Create an application.yml file in the project directory containing the following (shown are example values - they should match the values you used in creating the etlDB):
WQP_DATABASE_ADDRESS: localhost
WQP_DATABASE_PORT: 5437
WQP_DATABASE_NAME: wqp_db
WQP_SCHEMA_NAME: wqp
WQP_SCHEMA_OWNER_USERNAME: wqp_core
WQP_SCHEMA_OWNER_PASSWORD: changeMe
NWIS_DATABASE_ADDRESS: localhost
NWIS_DATABASE_PORT: 5437
NWIS_DATABASE_NAME: wqp_db
NWIS_SCHEMA_OWNER_USERNAME: nwis_ws_star
NWIS_SCHEMA_OWNER_PASSWORD: changeMe
EPA_DATABASE_ADDRESS: localhost
EPA_DATABASE_PORT: 5437
EPA_DATABASE_NAME: wqp_db
EPA_SCHEMA_OWNER_USERNAME: epa_owner
EPA_SCHEMA_OWNER_PASSWORD: changeMe
WQX_SCHEMA_NAME: wqx
STORETW_SCHEMA_NAME: storetw
ETL_OWNER_USERNAME: epa_owner
GEO_SCHEMA_NAME: wqx
ETL_DATA_SOURCE_ID: 3
ETL_DATA_SOURCE: STORET
QWPORTAL_SUMMARY_ETL: true
NWIS_OR_EPA: E
# Representative value - not all are needed, but this will be repeatable
ETL_RESULT_PARTITION_START_DATE: '1965-01-01'
ETL_RESULT_PARTITION_ONE_YEAR_BREAK: '1990-01-01'
ETL_RESULT_PARTITION_QUARTER_BREAK: '2020-01-01'
ETL_RESULT_PARTITION_END_DATE: '2021-03-08'
DB_OPERATION_CONCURRENCY: 3
- WQP_DATABASE_ADDRESS - Host name or IP address of the PostgreSQL database.
- WQP_DATABASE_PORT - Port the PostgreSQL Database is listening on.
- WQP_DATABASE_NAME - Name of the PostgreSQL database containing the schema.
- WQP_SCHEMA_NAME - Name of the schema holding database objects.
- WQP_SCHEMA_OWNER_USERNAME - Role which owns the database objects.
- WQP_SCHEMA_OWNER_PASSWORD - Password for the WQP_SCHEMA_OWNER_USERNAME role.
- NWIS_DATABASE_ADDRESS - Host name or IP address of the PostgreSQL database.
- NWIS_DATABASE_PORT - Port the PostgreSQL Database is listening on.

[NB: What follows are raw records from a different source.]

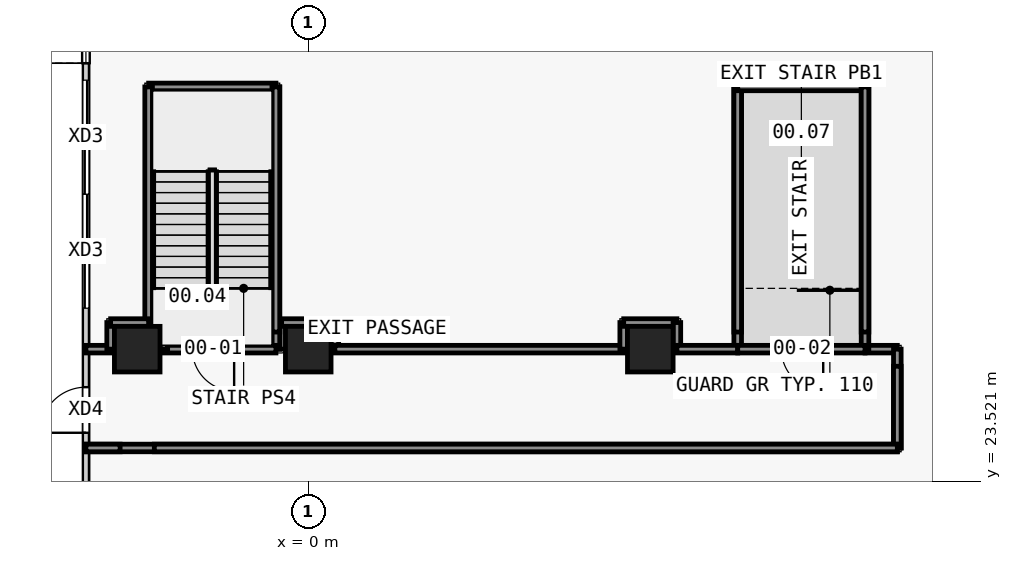
"""IFC4 building model, lengths in metres.
Left out: names, types, materials, properties, quantities, classifications, styles, units other than length and angle.
Written with IfcOpenShell. Run it as: python <this file> out.ifc"""

import sys

from ifc_helpers import new_model, si_unit, direction, frame, frame_2d, origin, origin_2d, place, context, subcontext, project, spatial, rectangle, extrude, element, fill, save


model = new_model("IFC4")
c1 = context("Model", 3, precision=1e-05, world=origin(), true_north=direction((0.0, 1.0)))
c2 = subcontext(c1, "Body", "Model", "MODEL_VIEW")
j1 = project(units=[si_unit("LENGTHUNIT", "METRE"), si_unit("PLANEANGLEUNIT", "RADIAN")], contexts=[c1])
p1 = place(None, origin())
s1 = spatial("IfcSite", under=j1, at=p1, CompositionType="ELEMENT")
p2 = place(p1, origin())
s2 = spatial("IfcBuilding", under=s1, at=p2, CompositionType="ELEMENT")
p3 = place(p2, origin())
s3 = spatial("IfcBuildingStorey", under=s2, at=p3, CompositionType="ELEMENT", Elevation=0.0)
for number, where, z_axis, x_axis in (
    (1, (-4.5, 27.0, 0.0), (0.0, 0.0, 1.0), (1.0, 0.0, 0.0)),
    (2, (0.0, 27.0, 0.0), (0.0, 0.0, 1.0), (1.0, 0.0, 0.0)),
    (3, (9.0, 27.0, 0.0), (0.0, 0.0, 1.0), (1.0, 0.0, 0.0)),
):
    element("IfcColumn", number, at=place(p3, frame(where, z_axis=z_axis, x_axis=x_axis)), inside=s3, PredefinedType="COLUMN", context=c2, shape_type="SweptSolid", body=[
        extrude(rectangle(XDim=1.2, YDim=1.2, at=origin_2d()), origin(), (0.0, 0.0, 1.0), 8.0),
    ])
p4 = place(p3, frame((-5.85, 21.13, 0.0), z_axis=(0.0, 0.0, 1.0), x_axis=(0.0, 1.0, 0.0)))
e4 = element("IfcWall", 4, at=p4, inside=s3, PredefinedType="STANDARD", context=c2, shape_type="SweptSolid", body=[
    extrude(rectangle(XDim=13.395, YDim=0.16, at=frame_2d((6.698, 0.0))), origin(), (0.0, 0.0, 1.0), 7.65),
])
p5 = place(p4, frame((6.948, 0.0, 0.0)))
e5 = element("IfcOpeningElement", 5, at=p5, cuts=e4, PredefinedType="OPENING", context=c2, shape_type="SweptSolid", body=[
    extrude(rectangle(XDim=3.0, YDim=3.0, at=frame_2d((1.5, 1.5))), frame((0.0, 0.09, 0.0), z_axis=(0.0, -1.0, 0.0), x_axis=(1.0, 0.0, 0.0)), (0.0, 0.0, 1.0), 0.18),
])
p6 = place(p4, frame((9.948, 0.0, 0.0)))
e6 = element("IfcOpeningElement", 6, at=p6, cuts=e4, PredefinedType="OPENING", context=c2, shape_type="SweptSolid", body=[
    extrude(rectangle(XDim=3.0, YDim=3.0, at=frame_2d((1.5, 1.5))), frame((0.0, 0.09, 0.0), z_axis=(0.0, -1.0, 0.0), x_axis=(1.0, 0.0, 0.0)), (0.0, 0.0, 1.0), 0.18),
])
p7 = place(p4, frame((3.67, 0.0, 0.0)))
e7 = element("IfcOpeningElement", 7, at=p7, cuts=e4, PredefinedType="OPENING", context=c2, shape_type="SweptSolid", body=[
    extrude(rectangle(XDim=1.2, YDim=2.4, at=frame_2d((0.6, 1.2))), frame((0.0, 0.09, 0.0), z_axis=(0.0, -1.0, 0.0), x_axis=(1.0, 0.0, 0.0)), (0.0, 0.0, 1.0), 0.18),
])
p8 = place(p3, frame((14.65, 27.0, 0.0), z_axis=(0.0, 0.0, 1.0), x_axis=(1.0, 0.0, 0.0)))
e8 = element("IfcWall", 8, at=p8, inside=s3, PredefinedType="PARTITIONING", context=c2, shape_type="SweptSolid", body=[
    extrude(rectangle(XDim=0.85, YDim=0.2, at=frame_2d((0.425, 0.0))), origin(), (0.0, 0.0, 1.0), 6.95),
])
p9 = place(p3, frame((15.5, 27.0, 0.0), z_axis=(0.0, 0.0, 1.0), x_axis=(0.0, -1.0, 0.0)))
e9 = element("IfcWall", 9, at=p9, inside=s3, PredefinedType="PARTITIONING", context=c2, shape_type="SweptSolid", body=[
    extrude(rectangle(XDim=2.6, YDim=0.2, at=frame_2d((1.3, 0.0))), origin(), (0.0, 0.0, 1.0), 6.95),
])
p10 = place(p3, frame((15.5, 24.4, 0.0), z_axis=(0.0, 0.0, 1.0), x_axis=(-1.0, 0.0, 0.0)))
e10 = element("IfcWall", 10, at=p10, inside=s3, PredefinedType="PARTITIONING", context=c2, shape_type="SweptSolid", body=[
    extrude(rectangle(XDim=21.35, YDim=0.2, at=frame_2d((10.675, 0.0))), origin(), (0.0, 0.0, 1.0), 6.95),
])
p11 = place(p3, frame((11.3, 27.0, 0.0), z_axis=(0.0, 0.0, 1.0), x_axis=(0.0, 1.0, 0.0)))
e11 = element("IfcWall", 11, at=p11, inside=s3, PredefinedType="PARTITIONING", context=c2, shape_type="SweptSolid", body=[
    extrude(rectangle(XDim=6.9, YDim=0.2, at=frame_2d((3.45, 0.0))), origin(), (0.0, 0.0, 1.0), 6.95),
])
p12 = place(p3, frame((11.3, 33.9, 0.0), z_axis=(0.0, 0.0, 1.0), x_axis=(1.0, 0.0, 0.0)))
e12 = element("IfcWall", 12, at=p12, inside=s3, PredefinedType="PARTITIONING", context=c2, shape_type="SweptSolid", body=[
    extrude(rectangle(XDim=3.35, YDim=0.2, at=frame_2d((1.675, 0.0))), origin(), (0.0, 0.0, 1.0), 7.65),
])
p13 = place(p3, frame((14.65, 33.9, 0.0), z_axis=(0.0, 0.0, 1.0), x_axis=(0.0, -1.0, 0.0)))
e13 = element("IfcWall", 13, at=p13, inside=s3, PredefinedType="PARTITIONING", context=c2, shape_type="SweptSolid", body=[
    extrude(rectangle(XDim=6.9, YDim=0.2, at=frame_2d((3.45, 0.0))), origin(), (0.0, 0.0, 1.0), 6.95),
])
p14 = place(p3, frame((-0.65, 27.0, 0.0), z_axis=(0.0, 0.0, 1.0), x_axis=(0.0, 1.0, 0.0)))
e14 = element("IfcWall", 14, at=p14, inside=s3, PredefinedType="PARTITIONING", context=c2, shape_type="SweptSolid", body=[
    extrude(rectangle(XDim=0.7, YDim=0.2, at=frame_2d((0.35, 0.0))), origin(), (0.0, 0.0, 1.0), 6.95),
])
p15 = place(p3, frame((-0.7, 27.7, 0.0), z_axis=(0.0, 0.0, 1.0), x_axis=(1.0, 0.0, 0.0)))
e15 = element("IfcWall", 15, at=p15, inside=s3, PredefinedType="PARTITIONING", context=c2, shape_type="SweptSolid", body=[
    extrude(rectangle(XDim=1.4, YDim=0.2, at=frame_2d((0.7, 0.0))), origin(), (0.0, 0.0, 1.0), 6.95),
])
p16 = place(p3, frame((0.7, 27.7, 0.0), z_axis=(0.0, 0.0, 1.0), x_axis=(0.0, -1.0, 0.0)))
e16 = element("IfcWall", 16, at=p16, inside=s3, PredefinedType="PARTITIONING", context=c2, shape_type="SweptSolid", body=[
    extrude(rectangle(XDim=0.7, YDim=0.2, at=frame_2d((0.35, 0.0))), origin(), (0.0, 0.0, 1.0), 6.95),
])
p17 = place(p3, frame((0.7, 27.0, 0.0), z_axis=(0.0, 0.0, 1.0), x_axis=(1.0, 0.0, 0.0)))
e17 = element("IfcWall", 17, at=p17, inside=s3, PredefinedType="PARTITIONING", context=c2, shape_type="SweptSolid", body=[
    extrude(rectangle(XDim=7.6, YDim=0.2, at=frame_2d((3.8, 0.0))), origin(), (0.0, 0.0, 1.0), 6.95),
])
p18 = place(p3, frame((8.3, 27.0, 0.0), z_axis=(0.0, 0.0, 1.0), x_axis=(0.0, 1.0, 0.0)))
e18 = element("IfcWall", 18, at=p18, inside=s3, PredefinedType="PARTITIONING", context=c2, shape_type="SweptSolid", body=[
    extrude(rectangle(XDim=0.7, YDim=0.2, at=frame_2d((0.35, 0.0))), origin(), (0.0, 0.0, 1.0), 6.95),
])
p19 = place(p3, frame((8.3, 27.7, 0.0), z_axis=(0.0, 0.0, 1.0), x_axis=(1.0, 0.0, 0.0)))
e19 = element("IfcWall", 19, at=p19, inside=s3, PredefinedType="PARTITIONING", context=c2, shape_type="SweptSolid", body=[
    extrude(rectangle(XDim=1.4, YDim=0.2, at=frame_2d((0.7, 0.0))), origin(), (0.0, 0.0, 1.0), 6.95),
])
p20 = place(p3, frame((9.7, 27.7, 0.0), z_axis=(0.0, 0.0, 1.0), x_axis=(0.0, -1.0, 0.0)))
e20 = element("IfcWall", 20, at=p20, inside=s3, PredefinedType="PARTITIONING", context=c2, shape_type="SweptSolid", body=[
    extrude(rectangle(XDim=0.7, YDim=0.2, at=frame_2d((0.35, 0.0))), origin(), (0.0, 0.0, 1.0), 6.95),
])
p21 = place(p3, frame((9.7, 27.0, 0.0), z_axis=(0.0, 0.0, 1.0), x_axis=(1.0, 0.0, 0.0)))
e21 = element("IfcWall", 21, at=p21, inside=s3, PredefinedType="PARTITIONING", context=c2, shape_type="SweptSolid", body=[
    extrude(rectangle(XDim=1.6, YDim=0.2, at=frame_2d((0.8, 0.0))), origin(), (0.0, 0.0, 1.0), 6.95),
])
p22 = place(p3, frame((-4.2, 33.9, 0.0), z_axis=(0.0, 0.0, 1.0), x_axis=(1.0, 0.0, 0.0)))
e22 = element("IfcWall", 22, at=p22, inside=s3, PredefinedType="PARTITIONING", context=c2, shape_type="SweptSolid", body=[
    extrude(rectangle(XDim=3.35, YDim=0.2, at=frame_2d((1.675, 0.0))), origin(), (0.0, 0.0, 1.0), 7.65),
])
p23 = place(p3, frame((-0.85, 33.9, 0.0), z_axis=(0.0, 0.0, 1.0), x_axis=(0.0, -1.0, 0.0)))
e23 = element("IfcWall", 23, at=p23, inside=s3, PredefinedType="PARTITIONING", context=c2, shape_type="SweptSolid", body=[
    extrude(rectangle(XDim=6.9, YDim=0.2, at=frame_2d((3.45, 0.0))), origin(), (0.0, 0.0, 1.0), 6.95),
])
p24 = place(p3, frame((-4.2, 27.7, 0.0), z_axis=(0.0, 0.0, 1.0), x_axis=(0.0, 1.0, 0.0)))
e24 = element("IfcWall", 24, at=p24, inside=s3, PredefinedType="PARTITIONING", context=c2, shape_type="SweptSolid", body=[
    extrude(rectangle(XDim=6.2, YDim=0.2, at=frame_2d((3.1, 0.0))), origin(), (0.0, 0.0, 1.0), 7.65),
])
p25 = place(p3, frame((-0.85, 27.0, 0.0), z_axis=(0.0, 0.0, 1.0), x_axis=(-1.0, 0.0, 0.0)))
e25 = element("IfcWall", 25, at=p25, inside=s3, PredefinedType="PARTITIONING", context=c2, shape_type="SweptSolid", body=[
    extrude(rectangle(XDim=2.95, YDim=0.2, at=frame_2d((1.475, 0.0))), origin(), (0.0, 0.0, 1.0), 6.95),
])
p26 = place(p25, frame((1.1, 0.0, 0.0)))
e26 = element("IfcOpeningElement", 26, at=p26, cuts=e25, PredefinedType="OPENING", context=c2, shape_type="SweptSolid", body=[
    extrude(rectangle(XDim=1.1, YDim=2.1, at=frame_2d((0.55, 1.05))), frame((0.0, 0.11, 0.0), z_axis=(0.0, -1.0, 0.0), x_axis=(1.0, 0.0, 0.0)), (0.0, 0.0, 1.0), 0.22),
])
p27 = place(p3, frame((-3.8, 27.0, 0.0), z_axis=(0.0, 0.0, 1.0), x_axis=(0.0, 1.0, 0.0)))
e27 = element("IfcWall", 27, at=p27, inside=s3, PredefinedType="PARTITIONING", context=c2, shape_type="SweptSolid", body=[
    extrude(rectangle(XDim=0.7, YDim=0.2, at=frame_2d((0.35, 0.0))), origin(), (0.0, 0.0, 1.0), 6.95),
])
p28 = place(p3, frame((14.65, 27.0, 0.0), z_axis=(0.0, 0.0, 1.0), x_axis=(-1.0, 0.0, 0.0)))
e28 = element("IfcWall", 28, at=p28, inside=s3, PredefinedType="PARTITIONING", context=c2, shape_type="SweptSolid", body=[
    extrude(rectangle(XDim=3.35, YDim=0.2, at=frame_2d((1.675, 0.0))), origin(), (0.0, 0.0, 1.0), 6.95),
])
p29 = place(p28, frame((1.1, 0.0, 0.0)))
e29 = element("IfcOpeningElement", 29, at=p29, cuts=e28, PredefinedType="OPENING", context=c2, shape_type="SweptSolid", body=[
    extrude(rectangle(XDim=1.1, YDim=2.1, at=frame_2d((0.55, 1.05))), frame((0.0, 0.11, 0.0), z_axis=(0.0, -1.0, 0.0), x_axis=(1.0, 0.0, 0.0)), (0.0, 0.0, 1.0), 0.22),
])
p30 = place(p3, frame((-5.85, 27.0, 0.0), z_axis=(0.0, 0.0, 1.0), x_axis=(1.0, 0.0, 0.0)))
e30 = element("IfcWall", 30, at=p30, inside=s3, PredefinedType="PARTITIONING", context=c2, shape_type="SweptSolid", body=[
    extrude(rectangle(XDim=0.65, YDim=0.2, at=frame_2d((0.325, 0.0))), origin(), (0.0, 0.0, 1.0), 7.65),
])
p31 = place(p3, frame((-5.2, 27.0, 0.0), z_axis=(0.0, 0.0, 1.0), x_axis=(0.0, 1.0, 0.0)))
e31 = element("IfcWall", 31, at=p31, inside=s3, PredefinedType="PARTITIONING", context=c2, shape_type="SweptSolid", body=[
    extrude(rectangle(XDim=0.7, YDim=0.2, at=frame_2d((0.35, 0.0))), origin(), (0.0, 0.0, 1.0), 7.65),
])
p32 = place(p3, frame((-5.2, 27.7, 0.0), z_axis=(0.0, 0.0, 1.0), x_axis=(1.0, 0.0, 0.0)))
e32 = element("IfcWall", 32, at=p32, inside=s3, PredefinedType="PARTITIONING", context=c2, shape_type="SweptSolid", body=[
    extrude(rectangle(XDim=1.0, YDim=0.2, at=frame_2d((0.5, 0.0))), origin(), (0.0, 0.0, 1.0), 7.65),
])
p33 = place(p3, frame((15.5, 26.55, 6.95), z_axis=(0.0, 0.0, 1.0), x_axis=(0.0, -1.0, 0.0)))
e33 = element("IfcWall", 33, at=p33, inside=s3, PredefinedType="PARTITIONING", context=c2, shape_type="SweptSolid", body=[
    extrude(rectangle(XDim=2.15, YDim=0.2, at=frame_2d((1.075, 0.0))), origin(), (0.0, 0.0, 1.0), 0.7),
])
p34 = place(p3, frame((15.5, 24.4, 6.95), z_axis=(0.0, 0.0, 1.0), x_axis=(-1.0, 0.0, 0.0)))
e34 = element("IfcWall", 34, at=p34, inside=s3, PredefinedType="PARTITIONING", context=c2, shape_type="SweptSolid", body=[
    extrude(rectangle(XDim=19.55, YDim=0.2, at=frame_2d((9.775, 0.0))), origin(), (0.0, 0.0, 1.0), 0.7),
])
p35 = place(p3, frame((-4.95, 24.4, 6.95), z_axis=(0.0, 0.0, 1.0), x_axis=(-1.0, 0.0, 0.0)))
e35 = element("IfcWall", 35, at=p35, inside=s3, PredefinedType="PARTITIONING", context=c2, shape_type="SweptSolid", body=[
    extrude(rectangle(XDim=0.9, YDim=0.2, at=frame_2d((0.45, 0.0))), origin(), (0.0, 0.0, 1.0), 0.7),
])
for number, where, z_axis, x_axis in (
    (36, (11.3, 27.45, 6.95), (0.0, 0.0, 1.0), (0.0, 1.0, 0.0)),
    (37, (14.65, 33.9, 6.95), (0.0, 0.0, 1.0), (0.0, -1.0, 0.0)),
    (38, (-0.85, 33.9, 6.95), (0.0, 0.0, 1.0), (0.0, -1.0, 0.0)),
):
    element("IfcWall", number, at=place(p3, frame(where, z_axis=z_axis, x_axis=x_axis)), inside=s3, PredefinedType="PARTITIONING", context=c2, shape_type="SweptSolid", body=[
        extrude(rectangle(XDim=6.45, YDim=0.2, at=frame_2d((3.225, 0.0))), origin(), (0.0, 0.0, 1.0), 0.7),
    ])
p36 = place(p5, origin())
e39 = element("IfcDoor", 39, at=p36, inside=s3, OperationType="SINGLE_SWING_LEFT", PredefinedType="DOOR", context=c2, shape_type="SweptSolid", body=[
    extrude(rectangle(XDim=3.0, YDim=3.0, at=frame_2d((1.5, 1.5))), frame((0.0, 0.025, 0.0), z_axis=(0.0, -1.0, 0.0), x_axis=(1.0, 0.0, 0.0)), (0.0, 0.0, 1.0), 0.05),
])
fill(e5, e39)
p37 = place(p6, origin())
e40 = element("IfcDoor", 40, at=p37, inside=s3, OperationType="SINGLE_SWING_LEFT", PredefinedType="DOOR", context=c2, shape_type="SweptSolid", body=[
    extrude(rectangle(XDim=3.0, YDim=3.0, at=frame_2d((1.5, 1.5))), frame((0.0, 0.025, 0.0), z_axis=(0.0, -1.0, 0.0), x_axis=(1.0, 0.0, 0.0)), (0.0, 0.0, 1.0), 0.05),
])
fill(e6, e40)
p38 = place(p7, origin())
e41 = element("IfcDoor", 41, at=p38, inside=s3, OperationType="SINGLE_SWING_LEFT", PredefinedType="DOOR", context=c2, shape_type="SweptSolid", body=[
    extrude(rectangle(XDim=1.2, YDim=2.4, at=frame_2d((0.6, 1.2))), frame((0.0, 0.025, 0.0), z_axis=(0.0, -1.0, 0.0), x_axis=(1.0, 0.0, 0.0)), (0.0, 0.0, 1.0), 0.05),
])
fill(e7, e41)
p39 = place(p26, origin())
e42 = element("IfcDoor", 42, at=p39, inside=s3, OperationType="SINGLE_SWING_LEFT", PredefinedType="DOOR", context=c2, shape_type="SweptSolid", body=[
    extrude(rectangle(XDim=1.1, YDim=2.1, at=frame_2d((0.55, 1.05))), frame((0.0, 0.025, 0.0), z_axis=(0.0, -1.0, 0.0), x_axis=(1.0, 0.0, 0.0)), (0.0, 0.0, 1.0), 0.05),
])
fill(e26, e42)
p40 = place(p29, origin())
e43 = element("IfcDoor", 43, at=p40, inside=s3, OperationType="SINGLE_SWING_LEFT", PredefinedType="DOOR", context=c2, shape_type="SweptSolid", body=[
    extrude(rectangle(XDim=1.1, YDim=2.1, at=frame_2d((0.55, 1.05))), frame((0.0, 0.025, 0.0), z_axis=(0.0, -1.0, 0.0), x_axis=(1.0, 0.0, 0.0)), (0.0, 0.0, 1.0), 0.05),
])
fill(e29, e43)
save(model, sys.argv[1])

- NWIS_DATABASE_NAME - Name of the PostgreSQL database containing the schema.
- NWIS_SCHEMA_OWNER_USERNAME - Role which owns the NWIS_SCHEMA_NAME database objects.
- NWIS_SCHEMA_OWNER_PASSWORD - Password for the NWIS_SCHEMA_OWNER_USERNAME role.
- EPA_DATABASE_ADDRESS - Host name or IP address of the PostgreSQL database.
- EPA_DATABASE_PORT - Port the PostgreSQL Database is listening on.
- EPA_DATABASE_NAME - Name of the PostgreSQL database containing the schema.
- EPA_SCHEMA_OWNER_USERNAME - Role which owns the WQX_SCHEMA_NAME and STORETW_SCHEMA_NAME database objects.
- EPA_SCHEMA_OWNER_PASSWORD - Password for the EPA_SCHEMA_OWNER_USERNAME role.
- WQX_SCHEMA_NAME - Name of the schema holding WQX database objects.
- STORETW_SCHEMA_NAME - Name of the schema holding STORETW database objects.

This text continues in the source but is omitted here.